The paradigm is also expanding beyond conventional code generation. The symbolic planning framework uses verifier-derived natural-language corrections to improve feasibility and correctness in long-horizon planning. PIVOT turns plan refinement into trajectory optimization with a monotonic acceptance rule that preserves non-decreasing solution quality. SRDrone couples continuous state evaluation with hierarchical Behavior Tree modification and reports a 44.87% improvement in Success Rate over baseline methods, while real-world deployment reaches a 96.25% Success Rate (Zhang et al., 26 Jun 2026, Zhang et al., 11 May 2026, Zhang et al., 21 Aug 2025).
Finally, execution need not always be literal execution. Self-Execution Simulation Improves Coding Models trains LLMs to simulate execution in text, uses that simulated feedback for self-verification and self-fixing, and reports consistent but modest gains. The same work notes limitations in simulation fidelity, especially on heavy numeric operations, and restricts its scope to single-file competitive-programming tasks (Maimon et al., 11 Mar 2026).

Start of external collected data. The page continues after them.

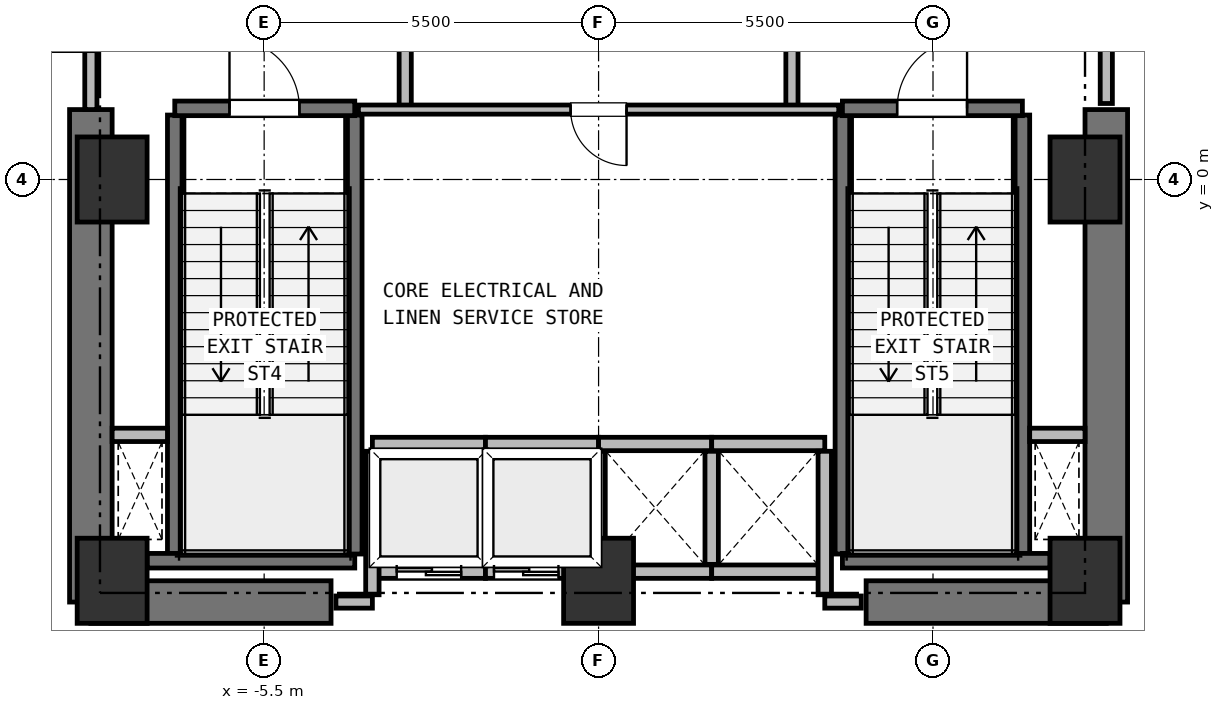
"""IFC4 building model, lengths in metres.
Left out: names, types, materials, properties, quantities, classifications, styles, units other than length and angle.
Written with IfcOpenShell. Run it as: python <this file> out.ifc"""

import sys

from ifc_helpers import new_model, si_unit, direction, frame, frame_2d, origin, origin_2d, place, context, subcontext, project, spatial, rectangle, extrude, element, fill, save


model = new_model("IFC4")
c1 = context("Model", 3, precision=1e-05, world=origin(), true_north=direction((0.0, 1.0)))
c2 = subcontext(c1, "Body", "Model", "MODEL_VIEW")
j1 = project(units=[si_unit("LENGTHUNIT", "METRE"), si_unit("PLANEANGLEUNIT", "RADIAN")], contexts=[c1])
p1 = place(None, origin())
s1 = spatial("IfcSite", under=j1, at=p1, CompositionType="ELEMENT")
p2 = place(p1, origin())
s2 = spatial("IfcBuilding", under=s1, at=p2, CompositionType="ELEMENT")
p3 = place(p2, frame((0.0, 0.0, 6.0)))
s3 = spatial("IfcBuildingStorey", under=s2, at=p3, CompositionType="ELEMENT", Elevation=6.0)
for number, where, z_axis, x_axis in (
    (1, (-8.0, -6.6, 0.0), (0.0, 0.0, 1.0), (1.0, 0.0, 0.0)),
    (2, (0.0, -6.6, 0.0), (0.0, 0.0, 1.0), (1.0, 0.0, 0.0)),
    (3, (8.0, -6.6, 0.0), (0.0, 0.0, 1.0), (1.0, 0.0, 0.0)),
    (4, (8.0, 0.0, 0.0), (0.0, 0.0, 1.0), (1.0, 0.0, 0.0)),
    (5, (-8.0, 0.0, 0.0), (0.0, 0.0, 1.0), (1.0, 0.0, 0.0)),
):
    element("IfcColumn", number, at=place(p3, frame(where, z_axis=z_axis, x_axis=x_axis)), inside=s3, PredefinedType="COLUMN", context=c2, shape_type="SweptSolid", body=[
        extrude(rectangle(XDim=1.15, YDim=1.4, at=origin_2d()), origin(), (0.0, 0.0, 1.0), 5.0),
    ])
for number, where, z_axis, x_axis in (
    (6, (-8.35, -6.95, 0.0), (0.0, 0.0, 1.0), (1.0, 0.0, 0.0)),
    (7, (4.4, -6.95, 0.0), (0.0, 0.0, 1.0), (1.0, 0.0, 0.0)),
):
    element("IfcWall", number, at=place(p3, frame(where, z_axis=z_axis, x_axis=x_axis)), inside=s3, PredefinedType="SHEAR", context=c2, shape_type="SweptSolid", body=[
        extrude(rectangle(XDim=3.95, YDim=0.7, at=frame_2d((1.975, 0.0))), origin(), (0.0, 0.0, 1.0), 4.72),
    ])
for number, where, z_axis, x_axis in (
    (8, (-8.35, -6.95, 0.0), (0.0, 0.0, 1.0), (0.0, 1.0, 0.0)),
    (9, (8.35, -6.95, 0.0), (0.0, 0.0, 1.0), (0.0, 1.0, 0.0)),
):
    element("IfcWall", number, at=place(p3, frame(where, z_axis=z_axis, x_axis=x_axis)), inside=s3, PredefinedType="SHEAR", context=c2, shape_type="SweptSolid", body=[
        extrude(rectangle(XDim=8.1, YDim=0.7, at=frame_2d((4.05, 0.0))), origin(), (0.0, 0.0, 1.0), 4.72),
    ])
p4 = place(p3, frame((-6.97, -6.16, 0.0), z_axis=(0.0, 0.0, 1.0), x_axis=(0.0, 1.0, 0.0)))
e10 = element("IfcWall", 10, at=p4, inside=s3, PredefinedType="SHEAR", context=c2, shape_type="SweptSolid", body=[
    extrude(rectangle(XDim=7.22, YDim=0.24, at=frame_2d((3.61, 0.0))), origin(), (0.0, 0.0, 1.0), 4.72),
])
p5 = place(p3, frame((-7.425, -6.27, 0.0), z_axis=(0.0, 0.0, 1.0), x_axis=(1.0, 0.0, 0.0)))
e11 = element("IfcWall", 11, at=p5, inside=s3, PredefinedType="SHEAR", context=c2, shape_type="SweptSolid", body=[
    extrude(rectangle(XDim=3.415, YDim=0.24, at=frame_2d((1.708, 0.0))), origin(), (0.0, 0.0, 1.0), 4.72),
])
p6 = place(p3, frame((-4.01, -6.16, 0.0), z_axis=(0.0, 0.0, 1.0), x_axis=(0.0, 1.0, 0.0)))
e12 = element("IfcWall", 12, at=p6, inside=s3, PredefinedType="SHEAR", context=c2, shape_type="SweptSolid", body=[
    extrude(rectangle(XDim=7.22, YDim=0.24, at=frame_2d((3.61, 0.0))), origin(), (0.0, 0.0, 1.0), 4.72),
])
p7 = place(p3, frame((-6.97, 1.17, 0.0), z_axis=(0.0, 0.0, 1.0), x_axis=(1.0, 0.0, 0.0)))
e13 = element("IfcWall", 13, at=p7, inside=s3, PredefinedType="SHEAR", context=c2, shape_type="SweptSolid", body=[
    extrude(rectangle(XDim=2.96, YDim=0.24, at=frame_2d((1.48, 0.0))), origin(), (0.0, 0.0, 1.0), 4.72),
])
p8 = place(p7, frame((0.9, 0.0, 0.0)))
e14 = element("IfcOpeningElement", 14, at=p8, cuts=e13, PredefinedType="OPENING", context=c2, shape_type="SweptSolid", body=[
    extrude(rectangle(XDim=1.15, YDim=2.15, at=frame_2d((0.575, 1.075))), frame((0.0, 0.13, 0.0), z_axis=(0.0, -1.0, 0.0), x_axis=(1.0, 0.0, 0.0)), (0.0, 0.0, 1.0), 0.26),
])
for number, where, z_axis, x_axis in (
    (15, (4.01, -6.16, 0.0), (0.0, 0.0, 1.0), (0.0, 1.0, 0.0)),
    (16, (6.97, -6.16, 0.0), (0.0, 0.0, 1.0), (0.0, 1.0, 0.0)),
):
    element("IfcWall", number, at=place(p3, frame(where, z_axis=z_axis, x_axis=x_axis)), inside=s3, PredefinedType="SHEAR", context=c2, shape_type="SweptSolid", body=[
        extrude(rectangle(XDim=7.22, YDim=0.24, at=frame_2d((3.61, 0.0))), origin(), (0.0, 0.0, 1.0), 4.72),
    ])
p9 = place(p3, frame((4.01, -6.27, 0.0), z_axis=(0.0, 0.0, 1.0), x_axis=(1.0, 0.0, 0.0)))
e17 = element("IfcWall", 17, at=p9, inside=s3, PredefinedType="SHEAR", context=c2, shape_type="SweptSolid", body=[
    extrude(rectangle(XDim=3.415, YDim=0.24, at=frame_2d((1.708, 0.0))), origin(), (0.0, 0.0, 1.0), 4.72),
])
p10 = place(p3, frame((4.01, 1.17, 0.0), z_axis=(0.0, 0.0, 1.0), x_axis=(1.0, 0.0, 0.0)))
e18 = element("IfcWall", 18, at=p10, inside=s3, PredefinedType="SHEAR", context=c2, shape_type="SweptSolid", body=[
    extrude(rectangle(XDim=2.96, YDim=0.24, at=frame_2d((1.48, 0.0))), origin(), (0.0, 0.0, 1.0), 4.72),
])
p11 = place(p10, frame((0.9, 0.0, 0.0)))
e19 = element("IfcOpeningElement", 19, at=p11, cuts=e18, PredefinedType="OPENING", context=c2, shape_type="SweptSolid", body=[
    extrude(rectangle(XDim=1.15, YDim=2.15, at=frame_2d((0.575, 1.075))), frame((0.0, 0.13, 0.0), z_axis=(0.0, -1.0, 0.0), x_axis=(1.0, 0.0, 0.0)), (0.0, 0.0, 1.0), 0.26),
])
for number, where, z_axis, x_axis in (
    (20, (-8.0, -4.2, 0.0), (0.0, 0.0, 1.0), (1.0, 0.0, 0.0)),
    (21, (7.09, -4.2, 0.0), (0.0, 0.0, 1.0), (1.0, 0.0, 0.0)),
):
    element("IfcWall", number, at=place(p3, frame(where, z_axis=z_axis, x_axis=x_axis)), inside=s3, PredefinedType="PARTITIONING", context=c2, shape_type="SweptSolid", body=[
        extrude(rectangle(XDim=0.91, YDim=0.22, at=frame_2d((0.455, 0.0))), origin(), (0.0, 0.0, 1.0), 4.72),
    ])
p12 = place(p3, frame((-3.72, -6.45, 0.0), z_axis=(0.0, 0.0, 1.0), x_axis=(1.0, 0.0, 0.0)))
e22 = element("IfcWall", 22, at=p12, inside=s3, PredefinedType="PARTITIONING", context=c2, shape_type="SweptSolid", body=[
    extrude(rectangle(XDim=1.86, YDim=0.22, at=frame_2d((0.93, 0.0))), origin(), (0.0, 0.0, 1.0), 4.3),
])
p13 = place(p12, frame((0.4, 0.0, 0.0)))
e23 = element("IfcOpeningElement", 23, at=p13, cuts=e22, PredefinedType="OPENING", context=c2, shape_type="SweptSolid", body=[
    extrude(rectangle(XDim=1.06, YDim=2.15, at=frame_2d((0.53, 1.075))), frame((0.0, 0.12, 0.0), z_axis=(0.0, -1.0, 0.0), x_axis=(1.0, 0.0, 0.0)), (0.0, 0.0, 1.0), 0.24),
])
p14 = place(p3, frame((-3.72, -4.35, 0.0), z_axis=(0.0, 0.0, 1.0), x_axis=(1.0, 0.0, 0.0)))
e24 = element("IfcWall", 24, at=p14, inside=s3, PredefinedType="PARTITIONING", context=c2, shape_type="SweptSolid", body=[
    extrude(rectangle(XDim=1.86, YDim=0.22, at=frame_2d((0.93, 0.0))), origin(), (0.0, 0.0, 1.0), 4.72),
])
p15 = place(p3, frame((-3.72, -6.83, 0.0), z_axis=(0.0, 0.0, 1.0), x_axis=(0.0, 1.0, 0.0)))
e25 = element("IfcWall", 25, at=p15, inside=s3, PredefinedType="PARTITIONING", context=c2, shape_type="SweptSolid", body=[
    extrude(rectangle(XDim=2.36, YDim=0.22, at=frame_2d((1.18, 0.0))), origin(), (0.0, 0.0, 1.0), 4.72),
])
p16 = place(p3, frame((-1.86, -6.33, 0.0), z_axis=(0.0, 0.0, 1.0), x_axis=(0.0, 1.0, 0.0)))
e26 = element("IfcWall", 26, at=p16, inside=s3, PredefinedType="PARTITIONING", context=c2, shape_type="SweptSolid", body=[
    extrude(rectangle(XDim=1.86, YDim=0.22, at=frame_2d((0.93, 0.0))), origin(), (0.0, 0.0, 1.0), 4.72),
])
p17 = place(p3, frame((-1.86, -6.45, 0.0), z_axis=(0.0, 0.0, 1.0), x_axis=(1.0, 0.0, 0.0)))
e27 = element("IfcWall", 27, at=p17, inside=s3, PredefinedType="PARTITIONING", context=c2, shape_type="SweptSolid", body=[
    extrude(rectangle(XDim=1.86, YDim=0.22, at=frame_2d((0.93, 0.0))), origin(), (0.0, 0.0, 1.0), 4.3),
])
p18 = place(p17, frame((0.14, 0.0, 0.0)))
e28 = element("IfcOpeningElement", 28, at=p18, cuts=e27, PredefinedType="OPENING", context=c2, shape_type="SweptSolid", body=[
    extrude(rectangle(XDim=1.06, YDim=2.15, at=frame_2d((0.53, 1.075))), frame((0.0, 0.12, 0.0), z_axis=(0.0, -1.0, 0.0), x_axis=(1.0, 0.0, 0.0)), (0.0, 0.0, 1.0), 0.24),
])
for number, where, z_axis, x_axis in (
    (29, (-1.86, -4.35, 0.0), (0.0, 0.0, 1.0), (1.0, 0.0, 0.0)),
    (30, (0.0, -6.33, 0.0), (0.0, 0.0, 1.0), (0.0, 1.0, 0.0)),
):
    element("IfcWall", number, at=place(p3, frame(where, z_axis=z_axis, x_axis=x_axis)), inside=s3, PredefinedType="PARTITIONING", context=c2, shape_type="SweptSolid", body=[
        extrude(rectangle(XDim=1.86, YDim=0.22, at=frame_2d((0.93, 0.0))), origin(), (0.0, 0.0, 1.0), 4.72),
    ])
p19 = place(p3, frame((0.0, -6.45, 0.0), z_axis=(0.0, 0.0, 1.0), x_axis=(1.0, 0.0, 0.0)))
e31 = element("IfcWall", 31, at=p19, inside=s3, PredefinedType="PARTITIONING", context=c2, shape_type="SweptSolid", body=[
    extrude(rectangle(XDim=1.86, YDim=0.22, at=frame_2d((0.93, 0.0))), origin(), (0.0, 0.0, 1.0), 4.3),
])
for number, where, z_axis, x_axis in (
    (32, (0.0, -4.35, 0.0), (0.0, 0.0, 1.0), (1.0, 0.0, 0.0)),
    (33, (1.86, -6.33, 0.0), (0.0, 0.0, 1.0), (0.0, 1.0, 0.0)),
):
    element("IfcWall", number, at=place(p3, frame(where, z_axis=z_axis, x_axis=x_axis)), inside=s3, PredefinedType="PARTITIONING", context=c2, shape_type="SweptSolid", body=[
        extrude(rectangle(XDim=1.86, YDim=0.22, at=frame_2d((0.93, 0.0))), origin(), (0.0, 0.0, 1.0), 4.72),
    ])
p20 = place(p3, frame((1.86, -6.45, 0.0), z_axis=(0.0, 0.0, 1.0), x_axis=(1.0, 0.0, 0.0)))
e34 = element("IfcWall", 34, at=p20, inside=s3, PredefinedType="PARTITIONING", context=c2, shape_type="SweptSolid", body=[
    extrude(rectangle(XDim=1.86, YDim=0.22, at=frame_2d((0.93, 0.0))), origin(), (0.0, 0.0, 1.0), 4.3),
])
p21 = place(p3, frame((1.86, -4.35, 0.0), z_axis=(0.0, 0.0, 1.0), x_axis=(1.0, 0.0, 0.0)))
e35 = element("IfcWall", 35, at=p21, inside=s3, PredefinedType="PARTITIONING", context=c2, shape_type="SweptSolid", body=[
    extrude(rectangle(XDim=1.86, YDim=0.22, at=frame_2d((0.93, 0.0))), origin(), (0.0, 0.0, 1.0), 4.72),
])
p22 = place(p3, frame((3.72, -6.83, 0.0), z_axis=(0.0, 0.0, 1.0), x_axis=(0.0, 1.0, 0.0)))
e36 = element("IfcWall", 36, at=p22, inside=s3, PredefinedType="PARTITIONING", context=c2, shape_type="SweptSolid", body=[
    extrude(rectangle(XDim=2.36, YDim=0.22, at=frame_2d((1.18, 0.0))), origin(), (0.0, 0.0, 1.0), 4.72),
])
p23 = place(p3, frame((-3.18, 1.15, 0.0), z_axis=(0.0, 0.0, 1.0), x_axis=(0.0, 1.0, 0.0)))
e37 = element("IfcWall", 37, at=p23, inside=s3, PredefinedType="PARTITIONING", context=c2, shape_type="SweptSolid", body=[
    extrude(rectangle(XDim=3.3, YDim=0.2, at=frame_2d((1.65, 0.0))), origin(), (0.0, 0.0, 1.0), 4.72),
])
p24 = place(p23, frame((1.08, 0.0, 0.0)))
e38 = element("IfcOpeningElement", 38, at=p24, cuts=e37, PredefinedType="OPENING", context=c2, shape_type="SweptSolid", body=[
    extrude(rectangle(XDim=1.15, YDim=2.15, at=frame_2d((0.575, 1.075))), frame((0.0, 0.11, 0.0), z_axis=(0.0, -1.0, 0.0), x_axis=(1.0, 0.0, 0.0)), (0.0, 0.0, 1.0), 0.22),
])
p25 = place(p3, frame((3.18, 1.15, 0.0), z_axis=(0.0, 0.0, 1.0), x_axis=(0.0, 1.0, 0.0)))
e39 = element("IfcWall", 39, at=p25, inside=s3, PredefinedType="PARTITIONING", context=c2, shape_type="SweptSolid", body=[
    extrude(rectangle(XDim=3.3, YDim=0.2, at=frame_2d((1.65, 0.0))), origin(), (0.0, 0.0, 1.0), 4.72),
])
p26 = place(p25, frame((1.08, 0.0, 0.0)))
e40 = element("IfcOpeningElement", 40, at=p26, cuts=e39, PredefinedType="OPENING", context=c2, shape_type="SweptSolid", body=[
    extrude(rectangle(XDim=1.15, YDim=2.15, at=frame_2d((0.575, 1.075))), frame((0.0, 0.11, 0.0), z_axis=(0.0, -1.0, 0.0), x_axis=(1.0, 0.0, 0.0)), (0.0, 0.0, 1.0), 0.22),
])
p27 = place(p3, frame((-8.35, 1.15, 0.0), z_axis=(0.0, 0.0, 1.0), x_axis=(0.0, 1.0, 0.0)))
e41 = element("IfcWall", 41, at=p27, inside=s3, PredefinedType="PARTITIONING", context=c2, shape_type="SweptSolid", body=[
    extrude(rectangle(XDim=5.4, YDim=0.2, at=frame_2d((2.7, 0.0))), origin(), (0.0, 0.0, 1.0), 4.72),
])
p28 = place(p27, frame((0.95, 0.0, 0.0)))
e42 = element("IfcOpeningElement", 42, at=p28, cuts=e41, PredefinedType="OPENING", context=c2, shape_type="SweptSolid", body=[
    extrude(rectangle(XDim=1.15, YDim=2.15, at=frame_2d((0.575, 1.075))), frame((0.0, 0.11, 0.0), z_axis=(0.0, -1.0, 0.0), x_axis=(1.0, 0.0, 0.0)), (0.0, 0.0, 1.0), 0.22),
])
p29 = place(p3, frame((8.35, 1.25, 0.0), z_axis=(0.0, 0.0, 1.0), x_axis=(0.0, 1.0, 0.0)))
e43 = element("IfcWall", 43, at=p29, inside=s3, PredefinedType="PARTITIONING", context=c2, shape_type="SweptSolid", body=[
    extrude(rectangle(XDim=5.3, YDim=0.2, at=frame_2d((2.65, 0.0))), origin(), (0.0, 0.0, 1.0), 4.72),
])
p30 = place(p29, frame((0.95, 0.0, 0.0)))
e44 = element("IfcOpeningElement", 44, at=p30, cuts=e43, PredefinedType="OPENING", context=c2, shape_type="SweptSolid", body=[
    extrude(rectangle(XDim=1.15, YDim=2.15, at=frame_2d((0.575, 1.075))), frame((0.0, 0.11, 0.0), z_axis=(0.0, -1.0, 0.0), x_axis=(1.0, 0.0, 0.0)), (0.0, 0.0, 1.0), 0.22),
])
p31 = place(p3, frame((3.95, 1.15, 0.0), z_axis=(0.0, 0.0, 1.0), x_axis=(-1.0, 0.0, 0.0)))
e45 = element("IfcWall", 45, at=p31, inside=s3, PredefinedType="PARTITIONING", context=c2, shape_type="SweptSolid", body=[
    extrude(rectangle(XDim=7.9, YDim=0.15, at=frame_2d((3.95, 0.0))), origin(), (0.0, 0.0, 1.0), 4.72),
])
p32 = place(p31, frame((3.49, 0.0, 0.0)))
e46 = element("IfcOpeningElement", 46, at=p32, cuts=e45, PredefinedType="OPENING", context=c2, shape_type="SweptSolid", body=[
    extrude(rectangle(XDim=0.92, YDim=2.05, at=frame_2d((0.46, 1.025))), frame((0.0, 0.085, 0.0), z_axis=(0.0, -1.0, 0.0), x_axis=(1.0, 0.0, 0.0)), (0.0, 0.0, 1.0), 0.17),
])
for number, where, z_axis, x_axis in (
    (47, (-4.32, -6.95, 0.0), (0.0, 0.0, 1.0), (1.0, 0.0, 0.0)),
    (48, (3.72, -6.95, 0.0), (0.0, 0.0, 1.0), (1.0, 0.0, 0.0)),
):
    element("IfcWall", number, at=place(p3, frame(where, z_axis=z_axis, x_axis=x_axis)), inside=s3, PredefinedType="PARTITIONING", context=c2, shape_type="SweptSolid", body=[
        extrude(rectangle(XDim=0.6, YDim=0.2, at=frame_2d((0.3, 0.0))), origin(), (0.0, 0.0, 1.0), 4.72),
    ])
p33 = place(p8, origin())
e49 = element("IfcDoor", 49, at=p33, inside=s3, OperationType="SINGLE_SWING_LEFT", PredefinedType="DOOR", context=c2, shape_type="SweptSolid", body=[
    extrude(rectangle(XDim=1.15, YDim=2.15, at=frame_2d((0.575, 1.075))), frame((0.0, 0.025, 0.0), z_axis=(0.0, -1.0, 0.0), x_axis=(1.0, 0.0, 0.0)), (0.0, 0.0, 1.0), 0.05),
])
fill(e14, e49)
p34 = place(p11, origin())
e50 = element("IfcDoor", 50, at=p34, inside=s3, OperationType="SINGLE_SWING_RIGHT", PredefinedType="DOOR", context=c2, shape_type="SweptSolid", body=[
    extrude(rectangle(XDim=1.15, YDim=2.15, at=frame_2d((0.575, 1.075))), frame((0.0, 0.025, 0.0), z_axis=(0.0, -1.0, 0.0), x_axis=(1.0, 0.0, 0.0)), (0.0, 0.0, 1.0), 0.05),
])
fill(e19, e50)
p35 = place(p13, origin())
e51 = element("IfcDoor", 51, at=p35, inside=s3, OperationType="DOUBLE_DOOR_SLIDING", PredefinedType="DOOR", context=c2, shape_type="SweptSolid", body=[
    extrude(rectangle(XDim=1.06, YDim=2.15, at=frame_2d((0.53, 1.075))), frame((0.0, 0.025, 0.0), z_axis=(0.0, -1.0, 0.0), x_axis=(1.0, 0.0, 0.0)), (0.0, 0.0, 1.0), 0.05),
])
fill(e23, e51)
p36 = place(p18, origin())
e52 = element("IfcDoor", 52, at=p36, inside=s3, OperationType="DOUBLE_DOOR_SLIDING", PredefinedType="DOOR", context=c2, shape_type="SweptSolid", body=[
    extrude(rectangle(XDim=1.06, YDim=2.15, at=frame_2d((0.53, 1.075))), frame((0.0, 0.025, 0.0), z_axis=(0.0, -1.0, 0.0), x_axis=(1.0, 0.0, 0.0)), (0.0, 0.0, 1.0), 0.05),
])
fill(e28, e52)
p37 = place(p28, origin())
e53 = element("IfcDoor", 53, at=p37, inside=s3, OperationType="SINGLE_SWING_LEFT", PredefinedType="DOOR", context=c2, shape_type="SweptSolid", body=[
    extrude(rectangle(XDim=1.15, YDim=2.15, at=frame_2d((0.575, 1.075))), frame((0.0, 0.025, 0.0), z_axis=(0.0, -1.0, 0.0), x_axis=(1.0, 0.0, 0.0)), (0.0, 0.0, 1.0), 0.05),
])
fill(e42, e53)
p38 = place(p32, origin())
e54 = element("IfcDoor", 54, at=p38, inside=s3, OperationType="SINGLE_SWING_LEFT", PredefinedType="DOOR", context=c2, shape_type="SweptSolid", body=[
    extrude(rectangle(XDim=0.92, YDim=2.05, at=frame_2d((0.46, 1.025))), frame((0.0, 0.025, 0.0), z_axis=(0.0, -1.0, 0.0), x_axis=(1.0, 0.0, 0.0)), (0.0, 0.0, 1.0), 0.05),
])
fill(e46, e54)
save(model, sys.argv[1])

Taken together, these results define self-refinement with execution feedback not as a single algorithm but as a family of tightly coupled generate–verify–revise procedures. The unifying property is the substitution of external, machine-checkable evidence for purely introspective critique. The main open variables are the granularity of the executed signal, the reliability of the verifier, the cost of repeated interaction, and the extent to which refinement should remain an inference-time scaffold or be internalized through supervised or reinforcement learning.